Thursday, December 24, 2020

Comfort


 Christmas Eve 2020, my first one without Rick.   My friends in the widow's club warned me about the holidays.  My initial thoughts, how bad can they be?  The weeks after his death had been indescribable .

But Thanksgiving came, alone on the farm and the realization of what my friends warned me about hit.  Those first few weeks, and the first 2 or 3 months , I was in shock and then the fog rolled in.  ( see previous post about fog)  I'm still walking through the fog, but the holidays brought a new piece to the puzzle.  Even with Covid raging, the holidays brought something I did not expect, the shroud of grief I wear, does not protect me from others' joy and gaiety.  All the Christmas movies that end with happy and joy, the smiling Santas and snowmen on cards, the upbeat Christmas carols. the bright colors, the well wishes of Merry, and Happy.  I see it all and wait for the osmosis of all this to somehow permeate my being.  I realized this is not my holiday season to experience the gaiety and joy.

So what am I doing this first holiday season alone?  Thanksgiving brought calls from friends who had walked through the shadows, they were my lifeline.  Those same friends are throwing the life preservers to me this week.  Calls,  my first ever bouquet of roses, letters, food,  thoughtful gifts have brought comfort and that is when I realized this holiday for me is about comfort.  Comfort is what my spirit had craved, comfort is what my body needed, love has been the balm, the glue if you will of what has held my broken pieces together.

A friend called and the first question I was asked, "how's your heart?"  I admit I was taken aback, I admit I lied and said it was fine.   But after the call, I sent my friend a note and apologized about the lie.  He laughed and said he knew I was lying.  That question led me that day into serious introspective, moving deep and looking at my heart and realizing five months of grief were just a drop in the bucket.  I have a long way to go and much grief to muddle through.

Besides missing Rick and our traditions, I miss the big family gatherings.  I won't be going to my sister's house or his sister's house, though they are still continuing with their gatherings.  Covid concerns have kept me at a distance.  I don't want to be sick, alone on this farm.  Also the gaiety and joy of others, the sound of all that laughter and cheer, it's just too much to bear.

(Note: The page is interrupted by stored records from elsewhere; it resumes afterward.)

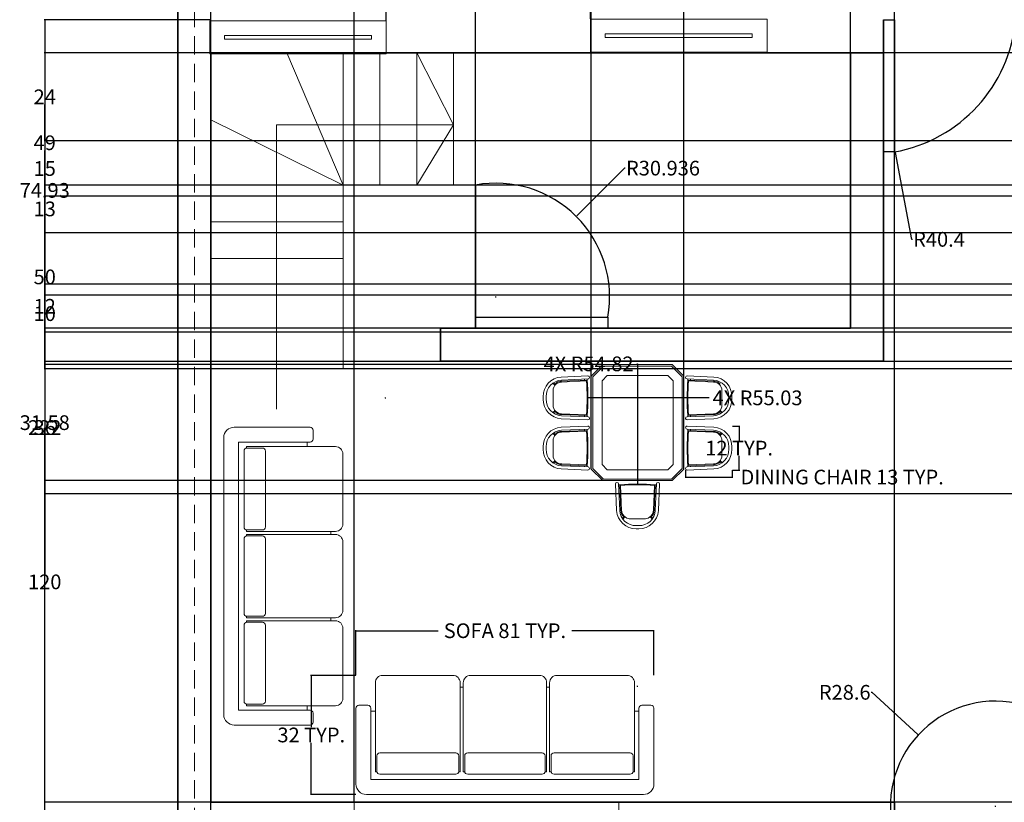
# Model space of a CAD drawing. Units: inches. Extents: x 1291 to 2095, y 532 to 1090.
# Tile 2 of 14: x 1291 to 1559, y 733 to 946. Entities that reach past the tile are written whole.
import ezdxf

# ---------------------------------------------------------------- set-up
doc = ezdxf.new("R2010")
doc.units = ezdxf.units.IN
doc.header["$MEASUREMENT"] = 0
doc.linetypes.add('HIDDEN', pattern=[0.375, 0.25, -0.125])
for name, color, linetype, lineweight in [('A-ANNO-DIMS', 2, 'Continuous', 18), ('A-DOOR', 3, 'Continuous', 25), ('A-FLOR-STRS', 7, 'Continuous', 20), ('A-FURN', 8, 'Continuous', 18), ('A-GLAZ', 4, 'Continuous', 18), ('A-WALL', 7, 'Continuous', 35), ('A-WALL-HIDN', 8, 'HIDDEN', 13)]:
    doc.layers.add(name, color=color, linetype=linetype, lineweight=lineweight)
doc.styles.get("Standard").update_dxf_attribs({"font": 'arial.ttf'})
doc.dimstyles.get("Standard").update_dxf_attribs({"dimtxt": 4, "dimasz": 0.18, "dimexe": 0.18, "dimexo": 0.0625, "dimgap": 0.09, "dimtad": 0, "dimtih": 1, "dimtoh": 1, "dimdec": 0, "dimrnd": 6, "dimzin": 0, "dimdsep": 46, "dimlunit": 3, "dimtxsty": 'Standard', "dimcen": 0.09, "dimadec": 0, "dimazin": 0, "dimtfac": 1, "dimtdec": 0, "dimtofl": 0, "dimtmove": 0, "dimatfit": 3, "dimfxl": 1, "dimtolj": 1, "dimtzin": 0, "dimarcsym": 0})

# ---------------------------------------------------------------- blocks, each defined once
blk = doc.blocks.new('A$C06FC73D7')
for p, q in [((1.93, 0.8), (0.07, 0.8)), ((0, 0.73), (0, 0.22)), ((2, 0.22), (2, 0.73)), ((0.1, 0.22), (0.1, 0.7)), ((0.1, 0.7), (1.9, 0.7)), ((0.67, 0.6637), (0.16, 0.6637)), ((1.25, 0.6637), (0.75, 0.6637)), ((1.84, 0.6637), (1.33, 0.6637)), ((1.9, 0.7), (1.9, 0.22)), ((0.13, 0.6479), (0.13, 0.05)), ((0.1404, 0.6479), (0.13, 0.6479)), ((0.14, 0.54), (0.14, 0.6437)), ((0.7, 0.6479), (0.6896, 0.6479)), ((0.69, 0.54), (0.69, 0.6437)), ((0.7, 0.05), (0.7, 0.6479)), ((0.72, 0.05), (0.72, 0.6479)), ((0.7304, 0.6479), (0.72, 0.6479)), ((0.73, 0.54), (0.73, 0.6437)), ((1.28, 0.6479), (1.2696, 0.6479)), ((1.27, 0.54), (1.27, 0.6437)), ((1.28, 0.05), (1.28, 0.6479)), ((1.3, 0.05), (1.3, 0.6479)), ((1.3104, 0.6479), (1.3, 0.6479)), ((1.31, 0.54), (1.31, 0.6437)), ((1.87, 0.6479), (1.86, 0.6479)), ((1.86, 0.54), (1.86, 0.6437)), ((1.87, 0.05), (1.87, 0.6479)), ((0.67, 0.52), (0.16, 0.52)), ((1.25, 0.52), (0.75, 0.52)), ((1.84, 0.52), (1.33, 0.52)), ((0.02, 0.2), (0.08, 0.2)), ((0.13, 0.24), (0.1, 0.24)), ((1.9, 0.24), (1.87, 0.24)), ((1.92, 0.2), (1.98, 0.2)), ((0.72, 0.08), (0.7, 0.08)), ((1.3, 0.08), (1.28, 0.08)), ((0.65, 0), (0.18, 0)), ((1.23, 0), (0.77, 0)), ((1.82, 0), (1.35, 0))]:
    blk.add_line(p, q)
for centre, radius, start, end in [((0.07, 0.73), 0.07, 90, 180), ((1.93, 0.73), 0.07, 0, 90), ((0.16, 0.6437), 0.02, 90, 180), ((0.67, 0.6437), 0.02, 0, 90), ((0.75, 0.6437), 0.02, 90, 180), ((1.25, 0.6437), 0.02, 0, 90), ((1.33, 0.6437), 0.02, 90, 180), ((1.84, 0.6437), 0.02, 0, 90), ((0.16, 0.54), 0.02, 180, 270), ((0.67, 0.54), 0.02, 270, 0), ((0.75, 0.54), 0.02, 180, 270), ((1.25, 0.54), 0.02, 270, 0), ((1.33, 0.54), 0.02, 180, 270), ((1.84, 0.54), 0.02, 270, 0), ((0.02, 0.22), 0.02, 180, 270), ((0.08, 0.22), 0.02, 270, 0), ((1.92, 0.22), 0.02, 180, 270), ((1.98, 0.22), 0.02, 270, 0), ((0.18, 0.05), 0.05, 180, 270), ((0.65, 0.05), 0.05, 270, 0), ((0.77, 0.05), 0.05, 180, 270), ((1.23, 0.05), 0.05, 270, 0), ((1.35, 0.05), 0.05, 180, 270), ((1.82, 0.05), 0.05, 270, 0)]:
    blk.add_arc(centre, radius, start, end)
blk = doc.blocks.new('A$C2BDD4447')
blk.add_blockref('A$C06FC73D7', (0, 0))
blk = doc.blocks.new('WIN-72IN')
for points in [[(0, 0), (0, 9), (72, 9), (72, 0)], [(4, 4), (4, 5), (68, 5), (68, 4)]]:
    blk.add_lwpolyline(points, close=True)
blk = doc.blocks.new('WIN-48IN')
for points in [[(0, 0), (0, 9), (48, 9), (48, 0)], [(4, 4), (4, 5), (44, 5), (44, 4)]]:
    blk.add_lwpolyline(points, close=True)
blk = doc.blocks.new('CHAIR-DINING')
for p, q in [((7.64, 10.83), (0.4, 11.13)), ((0.65, 11.13), (0.65, 10.81)), ((7.78, 10.51), (0.65, 10.8)), ((1.33, 11.1), (1.33, 10.78)), ((7.77, 10.3), (0.84, 10.59)), ((9.24, 9.6), (9.82, 10.09)), ((9.38, 9.44), (9.96, 9.93)), ((9.89, 3.77), (9.89, 8.24)), ((11.77, 5.65), (11.77, 6.32)), ((12.62, 5.64), (12.62, 6.33)), ((7.58, 1.45), (0.65, 1.16)), ((0.65, 0.84), (0.65, 1.15)), ((7.57, 1.66), (0.84, 1.38)), ((1.33, 0.87), (1.33, 1.18)), ((9.24, 2.37), (9.82, 1.88)), ((9.38, 2.53), (9.96, 2.04))]:
    blk.add_line(p, q)
for points in [[(7.68, 11.67), (0.44, 11.97, 1), (0.4, 11.13)], [(7.64, 1.14), (0.4, 0.84, 1), (0.44, 0), (7.68, 0.3)]]:
    blk.add_lwpolyline(points, format="xyb")
for centre, radius, start, end in [((55.47, 5.96), 55.03, 174.9478, 185.0066), ((7.37, 6.43), 4.41, 358.6114, 86.5609), ((7.37, 6.43), 5.25, 358.6113, 86.5608), ((55.47, 5.96), 54.82, 175.1561, 184.7886), ((7.58, 7.99), 2.52, 43.3469, 90), ((7.58, 7.99), 2.31, 0, 90), ((7.37, 5.54), 4.41, 273.4392, 1.3914), ((7.37, 5.54), 5.25, 273.4393, 1.3911), ((7.58, 3.97), 2.31, 270, 0), ((7.58, 3.97), 2.52, 270, 316.6497)]:
    blk.add_arc(centre, radius, start, end)
blk = doc.blocks.new('*D22')
at = {"layer": 'A-ANNO-DIMS', "color": 0, "lineweight": -2, "transparency": 16777216}
for p, q in [((1382.55, 767.39), (1382.55, 779.66)), ((1463.6, 767.39), (1463.6, 779.66)), ((1382.73, 779.48), (1404.87, 779.48)), ((1463.42, 779.48), (1441.27, 779.48))]:
    blk.add_line(p, q, dxfattribs=at)
at = {"layer": 'A-ANNO-DIMS', "color": 0, "transparency": 16777216}
for points in [[(1382.73, 779.51), (1382.73, 779.45), (1382.55, 779.48)], [(1463.42, 779.51), (1463.42, 779.45), (1463.6, 779.48)]]:
    blk.add_solid(points, dxfattribs=at)
at = {"layer": 'Defpoints', "color": 0, "transparency": 16777216}
for p in [(1382.55, 779.48), (1382.55, 767.33), (1463.6, 767.33)]:
    blk.add_point(p, dxfattribs=at)
at = {"layer": 'A-ANNO-DIMS', "color": 0, "transparency": 16777216, "insert": (1423.07, 779.48), "char_height": 4, "attachment_point": 5}
blk.add_mtext('\\A1;SOFA 81 TYP.', dxfattribs=at)
blk = doc.blocks.new('*D23')
at = {"layer": 'A-ANNO-DIMS', "color": 0, "lineweight": -2, "transparency": 16777216}
for p, q in [((1382.48, 767.33), (1370.21, 767.33)), ((1370.39, 767.15), (1370.39, 753.25)), ((1370.39, 735.08), (1370.39, 748.98)), ((1382.48, 734.9), (1370.21, 734.9))]:
    blk.add_line(p, q, dxfattribs=at)
at = {"layer": 'A-ANNO-DIMS', "color": 0, "transparency": 16777216}
for points in [[(1370.36, 767.15), (1370.42, 767.15), (1370.39, 767.33)], [(1370.36, 735.08), (1370.42, 735.08), (1370.39, 734.9)]]:
    blk.add_solid(points, dxfattribs=at)
at = {"layer": 'Defpoints', "color": 0, "transparency": 16777216}
for p in [(1382.55, 767.33), (1370.39, 734.9), (1382.55, 734.9)]:
    blk.add_point(p, dxfattribs=at)
at = {"layer": 'A-ANNO-DIMS', "color": 0, "transparency": 16777216, "insert": (1370.39, 751.11), "char_height": 4, "attachment_point": 5}
blk.add_mtext('\\A1;32 TYP.', dxfattribs=at)
blk = doc.blocks.new('*D24')
at = {"layer": 'A-ANNO-DIMS', "color": 0, "lineweight": -2, "transparency": 16777216}
for p, q in [((1472.2, 823.14), (1472.2, 821.12)), ((1484.89, 823.14), (1484.89, 821.12)), ((1472.38, 821.3), (1484.71, 821.3)), ((1484.89, 821.3), (1485.07, 821.3))]:
    blk.add_line(p, q, dxfattribs=at)
at = {"layer": 'A-ANNO-DIMS', "color": 0, "transparency": 16777216}
for points in [[(1472.38, 821.33), (1472.38, 821.27), (1472.2, 821.3)], [(1484.71, 821.33), (1484.71, 821.27), (1484.89, 821.3)]]:
    blk.add_solid(points, dxfattribs=at)
at = {"layer": 'Defpoints', "color": 0, "transparency": 16777216}
for p in [(1472.2, 823.2), (1484.89, 823.2), (1484.89, 821.3)]:
    blk.add_point(p, dxfattribs=at)
at = {"layer": 'A-ANNO-DIMS', "color": 0, "transparency": 16777216, "insert": (1514.82, 821.3), "char_height": 4, "attachment_point": 5}
blk.add_mtext('\\A1;DINING CHAIR 13 TYP.', dxfattribs=at)
blk = doc.blocks.new('*D25')
at = {"layer": 'A-ANNO-DIMS', "color": 0, "lineweight": -2, "transparency": 16777216}
for p, q in [((1484.95, 835.19), (1486.98, 835.19)), ((1486.8, 835.01), (1486.8, 831.29)), ((1486.8, 823.38), (1486.8, 827.09)), ((1484.95, 823.2), (1486.98, 823.2))]:
    blk.add_line(p, q, dxfattribs=at)
at = {"layer": 'A-ANNO-DIMS', "color": 0, "transparency": 16777216}
for points in [[(1486.77, 835.01), (1486.83, 835.01), (1486.8, 835.19)], [(1486.77, 823.38), (1486.83, 823.38), (1486.8, 823.2)]]:
    blk.add_solid(points, dxfattribs=at)
at = {"layer": 'Defpoints', "color": 0, "transparency": 16777216}
for p in [(1484.89, 835.19), (1486.8, 835.19), (1484.89, 823.2)]:
    blk.add_point(p, dxfattribs=at)
at = {"layer": 'A-ANNO-DIMS', "color": 0, "transparency": 16777216, "insert": (1486.8, 829.19), "char_height": 4, "attachment_point": 5}
blk.add_mtext('\\A1;12 TYP.', dxfattribs=at)
blk = doc.blocks.new('*D35')
at = {"layer": 'A-ANNO-DIMS', "color": 0, "lineweight": -2, "transparency": 16777216}
for p, q in [((1343.01, 945.78), (1297.69, 945.78)), ((1297.87, 945.6), (1297.87, 836.88)), ((1297.87, 723.96), (1297.87, 832.68)), ((1343.01, 723.78), (1297.69, 723.78))]:
    blk.add_line(p, q, dxfattribs=at)
at = {"layer": 'A-ANNO-DIMS', "color": 0, "transparency": 16777216}
for points in [[(1297.84, 945.6), (1297.9, 945.6), (1297.87, 945.78)], [(1297.84, 723.96), (1297.9, 723.96), (1297.87, 723.78)]]:
    blk.add_solid(points, dxfattribs=at)
at = {"layer": 'Defpoints', "color": 0, "transparency": 16777216}
for p in [(1297.87, 945.78), (1343.07, 945.78), (1343.07, 723.78)]:
    blk.add_point(p, dxfattribs=at)
at = {"layer": 'A-ANNO-DIMS', "color": 0, "transparency": 16777216, "insert": (1297.87, 834.78), "char_height": 4, "attachment_point": 5}
blk.add_mtext('\\A1;222', dxfattribs=at)
blk = doc.blocks.new('*D44')
at = {"layer": 'A-ANNO-DIMS', "color": 0, "lineweight": -2, "transparency": 16777216}
for p, q in [((1343.07, 579.84), (1343.07, 1087.16)), ((1343.25, 1086.98), (1451.42, 1086.98)), ((1576.43, 1086.98), (1468.26, 1086.98)), ((1576.61, 579.84), (1576.61, 1087.16))]:
    blk.add_line(p, q, dxfattribs=at)
at = {"layer": 'A-ANNO-DIMS', "color": 0, "transparency": 16777216}
for points in [[(1343.25, 1087.01), (1343.25, 1086.95), (1343.07, 1086.98)], [(1576.43, 1087.01), (1576.43, 1086.95), (1576.61, 1086.98)]]:
    blk.add_solid(points, dxfattribs=at)
at = {"layer": 'Defpoints', "color": 0, "transparency": 16777216}
for p in [(1576.61, 1086.98), (1343.07, 579.78), (1576.61, 579.78)]:
    blk.add_point(p, dxfattribs=at)
at = {"layer": 'A-ANNO-DIMS', "color": 0, "transparency": 16777216, "insert": (1459.84, 1086.98), "char_height": 4, "attachment_point": 5}
blk.add_mtext('\\A1;233.54', dxfattribs=at)
blk = doc.blocks.new('*D48')
at = {"layer": 'A-ANNO-DIMS', "color": 0, "lineweight": -2, "transparency": 16777216}
for p, q in [((1577.01, 852.78), (1297.69, 852.78)), ((1297.87, 852.6), (1297.87, 836.91)), ((1297.87, 816.96), (1297.87, 832.65)), ((1577.01, 816.78), (1297.69, 816.78))]:
    blk.add_line(p, q, dxfattribs=at)
at = {"layer": 'A-ANNO-DIMS', "color": 0, "transparency": 16777216}
for points in [[(1297.84, 852.6), (1297.9, 852.6), (1297.87, 852.78)], [(1297.84, 816.96), (1297.9, 816.96), (1297.87, 816.78)]]:
    blk.add_solid(points, dxfattribs=at)
at = {"layer": 'Defpoints', "color": 0, "transparency": 16777216}
for p in [(1297.87, 852.78), (1577.07, 852.78), (1577.07, 816.78)]:
    blk.add_point(p, dxfattribs=at)
at = {"layer": 'A-ANNO-DIMS', "color": 0, "transparency": 16777216, "insert": (1297.87, 834.78), "char_height": 4, "attachment_point": 5}
blk.add_mtext('\\A1;36', dxfattribs=at)
blk = doc.blocks.new('*D51')
at = {"layer": 'A-ANNO-DIMS', "color": 0, "lineweight": -2, "transparency": 16777216}
for p, q in [((1820.01, 852.78), (1297.69, 852.78)), ((1297.87, 852.6), (1297.87, 794.91)), ((1297.87, 732.96), (1297.87, 790.65)), ((1811.01, 732.78), (1297.69, 732.78))]:
    blk.add_line(p, q, dxfattribs=at)
at = {"layer": 'A-ANNO-DIMS', "color": 0, "transparency": 16777216}
for points in [[(1297.84, 852.6), (1297.9, 852.6), (1297.87, 852.78)], [(1297.84, 732.96), (1297.9, 732.96), (1297.87, 732.78)]]:
    blk.add_solid(points, dxfattribs=at)
at = {"layer": 'Defpoints', "color": 0, "transparency": 16777216}
for p in [(1297.87, 852.78), (1820.07, 852.78), (1811.07, 732.78)]:
    blk.add_point(p, dxfattribs=at)
at = {"layer": 'A-ANNO-DIMS', "color": 0, "transparency": 16777216, "insert": (1297.87, 792.78), "char_height": 4, "attachment_point": 5}
blk.add_mtext('\\A1;120', dxfattribs=at)
blk = doc.blocks.new('*D53')
at = {"layer": 'A-ANNO-DIMS', "color": 0, "lineweight": -2, "transparency": 16777216}
for p, q in [((1517, 936.78), (1297.69, 936.78)), ((1297.87, 936.6), (1297.87, 901.45)), ((1297.87, 862.03), (1297.87, 897.18)), ((1517, 861.85), (1297.69, 861.85))]:
    blk.add_line(p, q, dxfattribs=at)
at = {"layer": 'A-ANNO-DIMS', "color": 0, "transparency": 16777216}
for points in [[(1297.84, 936.6), (1297.9, 936.6), (1297.87, 936.78)], [(1297.84, 862.03), (1297.9, 862.03), (1297.87, 861.85)]]:
    blk.add_solid(points, dxfattribs=at)
at = {"layer": 'Defpoints', "color": 0, "transparency": 16777216}
for p in [(1297.87, 936.78), (1517.07, 936.78), (1517.07, 861.85)]:
    blk.add_point(p, dxfattribs=at)
at = {"layer": 'A-ANNO-DIMS', "color": 0, "transparency": 16777216, "insert": (1297.87, 899.32), "char_height": 4, "attachment_point": 5}
blk.add_mtext('\\A1;74.93', dxfattribs=at)
blk = doc.blocks.new('*D54')
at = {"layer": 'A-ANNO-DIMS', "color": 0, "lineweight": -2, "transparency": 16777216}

Yesterday I took both my sisters gifts and spent a few moments with each in a social distance visit.  I dropped off Rick's family gifts at his sister's house.  This morning I will take my brother Ricky and his family's gifts to his house.  His family has been my bubble, I see them daily though even with that the visits are short lived.  

Yesterday I drove to the cemetery, there my parents and Rick are side by side.  I suppose that was my Christmas gift, because Rick's marker had been placed on his grave that morning.  It seemed like the fitting gift for him as well.

So, I have the tree, I decorated my mantle and I painted Christmas cards.  The same friend who asked about my heart told me that when he and his wife opened my card, she looked at it and said, " it's different this year, there is sadness there."  I couldn't paint joy.

I hope this season, this holiday brings you comfort and love.  I hope the New Year is kind.